Event 4

Data Science On AWS

Event Information

Date: Thursday, October 16, 2025
Time: 9:30 AM – 11:45 AM
Location: Hall Academic – FPT University
Speakers: Van Hoang Kha, Bach Doan Vuong
Role: Attendee


Event Overview

Workshop exploring how to build modern Data Science systems on AWS, from data processing to ML model deployment.

Key Topics

Introduction & AWS Data Science Pipeline (9:30 – 10:05 AM)

  • Why Cloud for Data Science:

    • Optimize performance and reduce costs
    • Scale flexibly with demand
    • Access to latest hardware (GPUs, TPUs)
    • Pay-as-you-go pricing model
  • AWS Data Science Ecosystem:

    • Amazon S3: Scalable data lake storage
    • AWS Glue: Serverless ETL service
    • Amazon SageMaker: End-to-end ML platform

Demo 1: Data Processing with AWS Glue (10:05 – 10:35 AM)

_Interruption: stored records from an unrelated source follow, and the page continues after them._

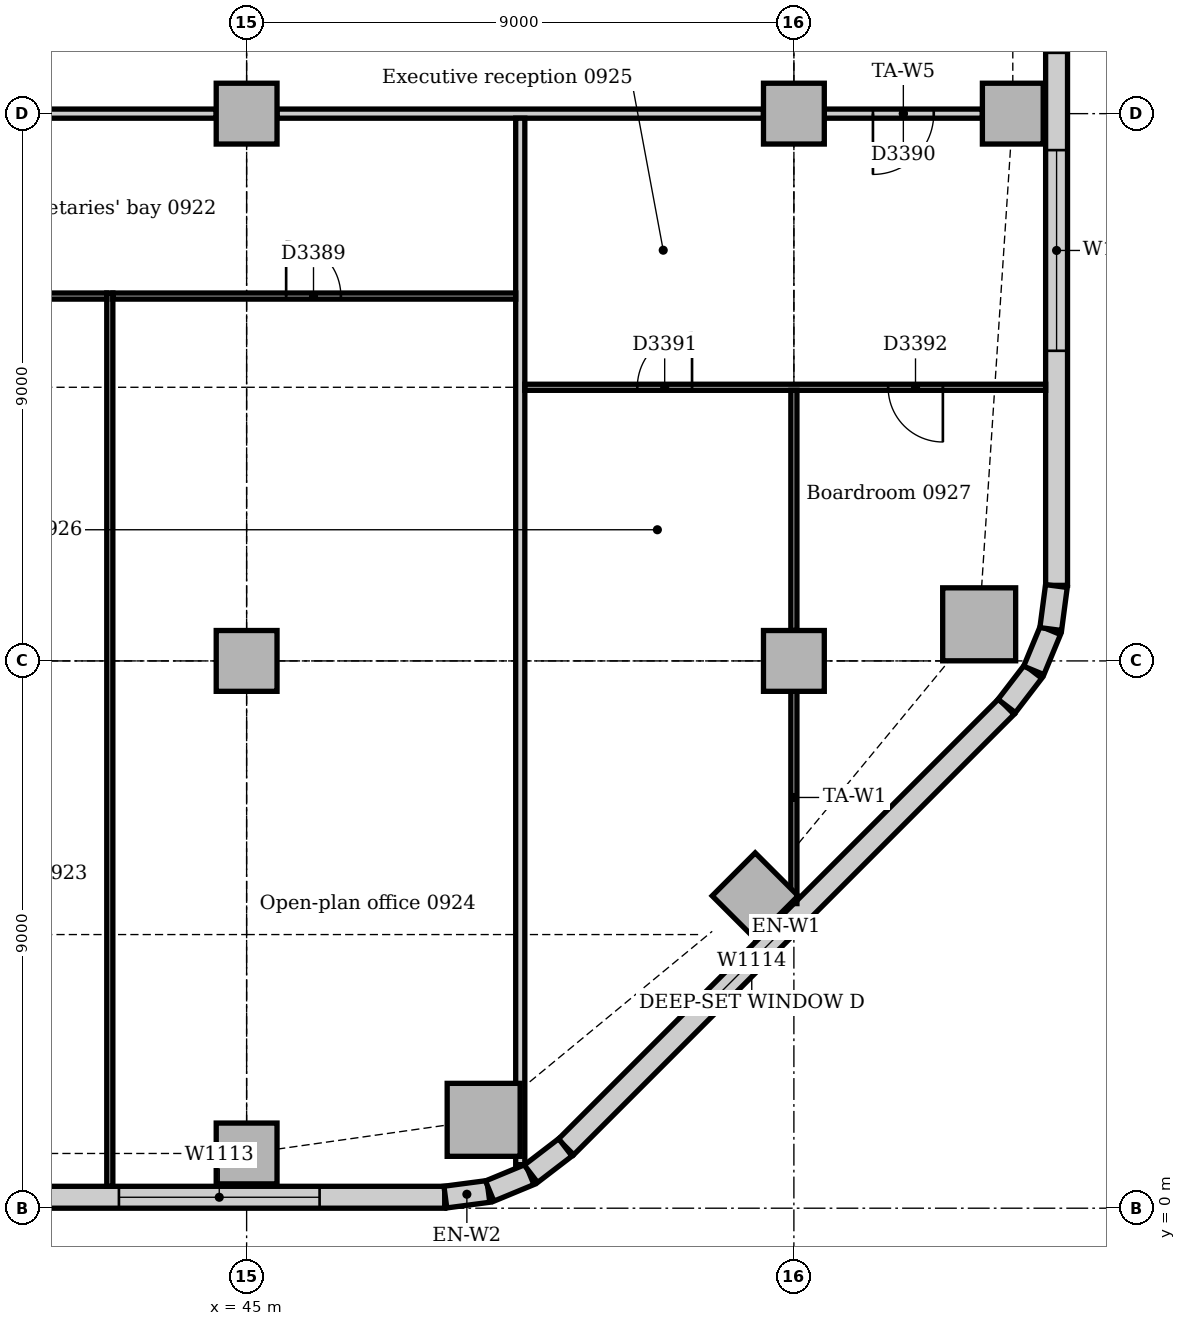
"""IFC4 building model, lengths in metres.
Left out: names, types, materials, properties, quantities, classifications, styles, units other than length and angle.
Written with IfcOpenShell. Run it as: python <this file> out.ifc"""

import sys

from ifc_helpers import new_model, si_unit, direction, frame, frame_2d, origin, origin_2d, place, context, subcontext, project, spatial, rectangle, extrude, element, fill, save


model = new_model("IFC4")
c1 = context("Model", 3, precision=1e-05, world=origin(), true_north=direction((0.0, 1.0)))
c2 = subcontext(c1, "Body", "Model", "MODEL_VIEW")
j1 = project(units=[si_unit("LENGTHUNIT", "METRE"), si_unit("PLANEANGLEUNIT", "RADIAN")], contexts=[c1])
p1 = place(None, origin())
s1 = spatial("IfcSite", under=j1, at=p1, CompositionType="ELEMENT")
p2 = place(p1, origin())
s2 = spatial("IfcBuilding", under=s1, at=p2, CompositionType="ELEMENT")
p3 = place(p2, frame((0.0, 0.0, 42.0)))
s3 = spatial("IfcBuildingStorey", under=s2, at=p3, CompositionType="ELEMENT", Elevation=42.0)
for number, where, z_axis, x_axis in (
    (1, (48.898, 1.453, 0.0), (0.0, 0.0, 1.0), (1.0, 0.0, 0.0)),
    (2, (57.047, 9.602, 0.0), (0.0, 0.0, 1.0), (1.0, 0.0, 0.0)),
):
    element("IfcColumn", number, at=place(p3, frame(where, z_axis=z_axis, x_axis=x_axis)), inside=s3, PredefinedType="COLUMN", context=c2, shape_type="SweptSolid", body=[
        extrude(rectangle(XDim=1.2, YDim=1.2, at=origin_2d()), origin(), (0.0, 0.0, 1.0), 3.7),
    ])
for number, where, z_axis, x_axis in (
    (3, (45.0, 0.9, 0.0), (0.0, 0.0, 1.0), (1.0, 0.0, 0.0)),
    (4, (53.364, 5.136, 0.0), (0.0, 0.0, 1.0), (0.707, 0.707, 0.0)),
    (5, (57.6, 18.0, 0.0), (0.0, 0.0, 1.0), (1.0, 0.0, 0.0)),
    (6, (45.0, 9.0, 0.0), (0.0, 0.0, 1.0), (1.0, 0.0, 0.0)),
    (7, (45.0, 18.0, 0.0), (0.0, 0.0, 1.0), (1.0, 0.0, 0.0)),
    (8, (54.0, 9.0, 0.0), (0.0, 0.0, 1.0), (1.0, 0.0, 0.0)),
    (9, (54.0, 18.0, 0.0), (0.0, 0.0, 1.0), (1.0, 0.0, 0.0)),
):
    element("IfcColumn", number, at=place(p3, frame(where, z_axis=z_axis, x_axis=x_axis)), inside=s3, PredefinedType="COLUMN", context=c2, shape_type="SweptSolid", body=[
        extrude(rectangle(XDim=1.0, YDim=1.0, at=origin_2d()), origin(), (0.0, 0.0, 1.0), 3.7),
    ])
p4 = place(p3, frame((4.243, 0.18, 0.0), z_axis=(0.0, 0.0, 1.0), x_axis=(1.0, 0.0, 0.0)))
e10 = element("IfcWall", 10, at=p4, inside=s3, PredefinedType="STANDARD", context=c2, shape_type="SweptSolid", body=[
    extrude(rectangle(XDim=44.015, YDim=0.36, at=frame_2d((22.007, 0.0))), origin(), (0.0, 0.0, 1.0), 3.7),
])
p5 = place(p4, frame((2.357, 0.0, 0.9)))
e11 = element("IfcOpeningElement", 11, at=p5, cuts=e10, PredefinedType="OPENING", context=c2, shape_type="SweptSolid", body=[
    extrude(rectangle(XDim=3.3, YDim=1.6, at=frame_2d((1.65, 0.8))), frame((0.0, 0.19, 0.0), z_axis=(0.0, -1.0, 0.0), x_axis=(1.0, 0.0, 0.0)), (0.0, 0.0, 1.0), 0.38),
])
p6 = place(p4, frame((6.857, 0.0, 0.9)))
e12 = element("IfcOpeningElement", 12, at=p6, cuts=e10, PredefinedType="OPENING", context=c2, shape_type="SweptSolid", body=[
    extrude(rectangle(XDim=3.3, YDim=1.6, at=frame_2d((1.65, 0.8))), frame((0.0, 0.19, 0.0), z_axis=(0.0, -1.0, 0.0), x_axis=(1.0, 0.0, 0.0)), (0.0, 0.0, 1.0), 0.38),
])
p7 = place(p4, frame((11.357, 0.0, 0.9)))
e13 = element("IfcOpeningElement", 13, at=p7, cuts=e10, PredefinedType="OPENING", context=c2, shape_type="SweptSolid", body=[
    extrude(rectangle(XDim=3.3, YDim=1.6, at=frame_2d((1.65, 0.8))), frame((0.0, 0.19, 0.0), z_axis=(0.0, -1.0, 0.0), x_axis=(1.0, 0.0, 0.0)), (0.0, 0.0, 1.0), 0.38),
])
p8 = place(p4, frame((15.857, 0.0, 0.9)))
e14 = element("IfcOpeningElement", 14, at=p8, cuts=e10, PredefinedType="OPENING", context=c2, shape_type="SweptSolid", body=[
    extrude(rectangle(XDim=3.3, YDim=1.6, at=frame_2d((1.65, 0.8))), frame((0.0, 0.19, 0.0), z_axis=(0.0, -1.0, 0.0), x_axis=(1.0, 0.0, 0.0)), (0.0, 0.0, 1.0), 0.38),
])
p9 = place(p4, frame((20.357, 0.0, 0.9)))
e15 = element("IfcOpeningElement", 15, at=p9, cuts=e10, PredefinedType="OPENING", context=c2, shape_type="SweptSolid", body=[
    extrude(rectangle(XDim=3.3, YDim=1.6, at=frame_2d((1.65, 0.8))), frame((0.0, 0.19, 0.0), z_axis=(0.0, -1.0, 0.0), x_axis=(1.0, 0.0, 0.0)), (0.0, 0.0, 1.0), 0.38),
])
p10 = place(p4, frame((24.857, 0.0, 0.9)))
e16 = element("IfcOpeningElement", 16, at=p10, cuts=e10, PredefinedType="OPENING", context=c2, shape_type="SweptSolid", body=[
    extrude(rectangle(XDim=3.3, YDim=1.6, at=frame_2d((1.65, 0.8))), frame((0.0, 0.19, 0.0), z_axis=(0.0, -1.0, 0.0), x_axis=(1.0, 0.0, 0.0)), (0.0, 0.0, 1.0), 0.38),
])
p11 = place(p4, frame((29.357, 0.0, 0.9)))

  • IMDb Dataset Processing:

    • Data discovery with Glue Crawler
    • Data cleaning and transformation
    • Text preprocessing and feature extraction
    • Format conversion (CSV to Parquet)
    • PySpark for distributed processing
  • Key Benefits:

    • Serverless, auto-scaling
    • Pay only for job execution time
    • Built-in data catalog
    • Integration with AWS services

Demo 2: Sentiment Analysis with SageMaker (10:35 – 11:00 AM)

  • ML Workflow:

    • Data preparation and EDA
    • Model selection and training
    • Hyperparameter tuning
    • Model deployment as endpoint
    • Real-time inference testing
  • Results:

    • 90%+ accuracy on test set
    • Low latency predictions
    • Auto-scaling for production
    • Cost-effective deployment

Cloud vs On-Premise Discussion (11:00 – 11:35 AM)

  • Cost Comparison:

    • Small projects: Cloud 60-70% cheaper
    • No upfront hardware investment
    • Pay-as-you-go reduces waste
  • Performance:

    • Access to latest hardware
    • Distributed computing capabilities
    • Global infrastructure
  • Flexibility:

    • Scale up/down in minutes
    • No capacity planning needed
    • Easy experimentation

Post-Workshop Project (11:35 – 11:45 AM)

  • Build complete Data Science pipeline
  • Suggested projects: Product review analyzer, stock predictor, churn prediction
  • 4-week implementation timeline

Key Takeaways

AWS Data Science Services:

  • S3 provides scalable, durable storage for data lakes
  • Glue enables serverless ETL and data cataloging
  • SageMaker offers end-to-end ML capabilities
  • Managed services reduce operational complexity

Practical Skills:

  • Data cleaning and transformation with Glue
  • Model training and deployment with SageMaker
  • Cost optimization strategies
  • Cloud vs on-premise decision framework

Cloud Benefits:

  • Faster time-to-market
  • Lower costs for most use cases
  • Superior scalability and flexibility
  • Access to latest technologies

Next Steps:

  • Create AWS Free Tier account
  • Complete post-workshop project
  • Experiment with Glue and SageMaker
  • Pursue AWS ML certification

Event Photos


Rating: ⭐⭐⭐⭐⭐ (5/5)

Excellent hands-on workshop demonstrating how cloud computing transforms Data Science workflows with practical AWS services.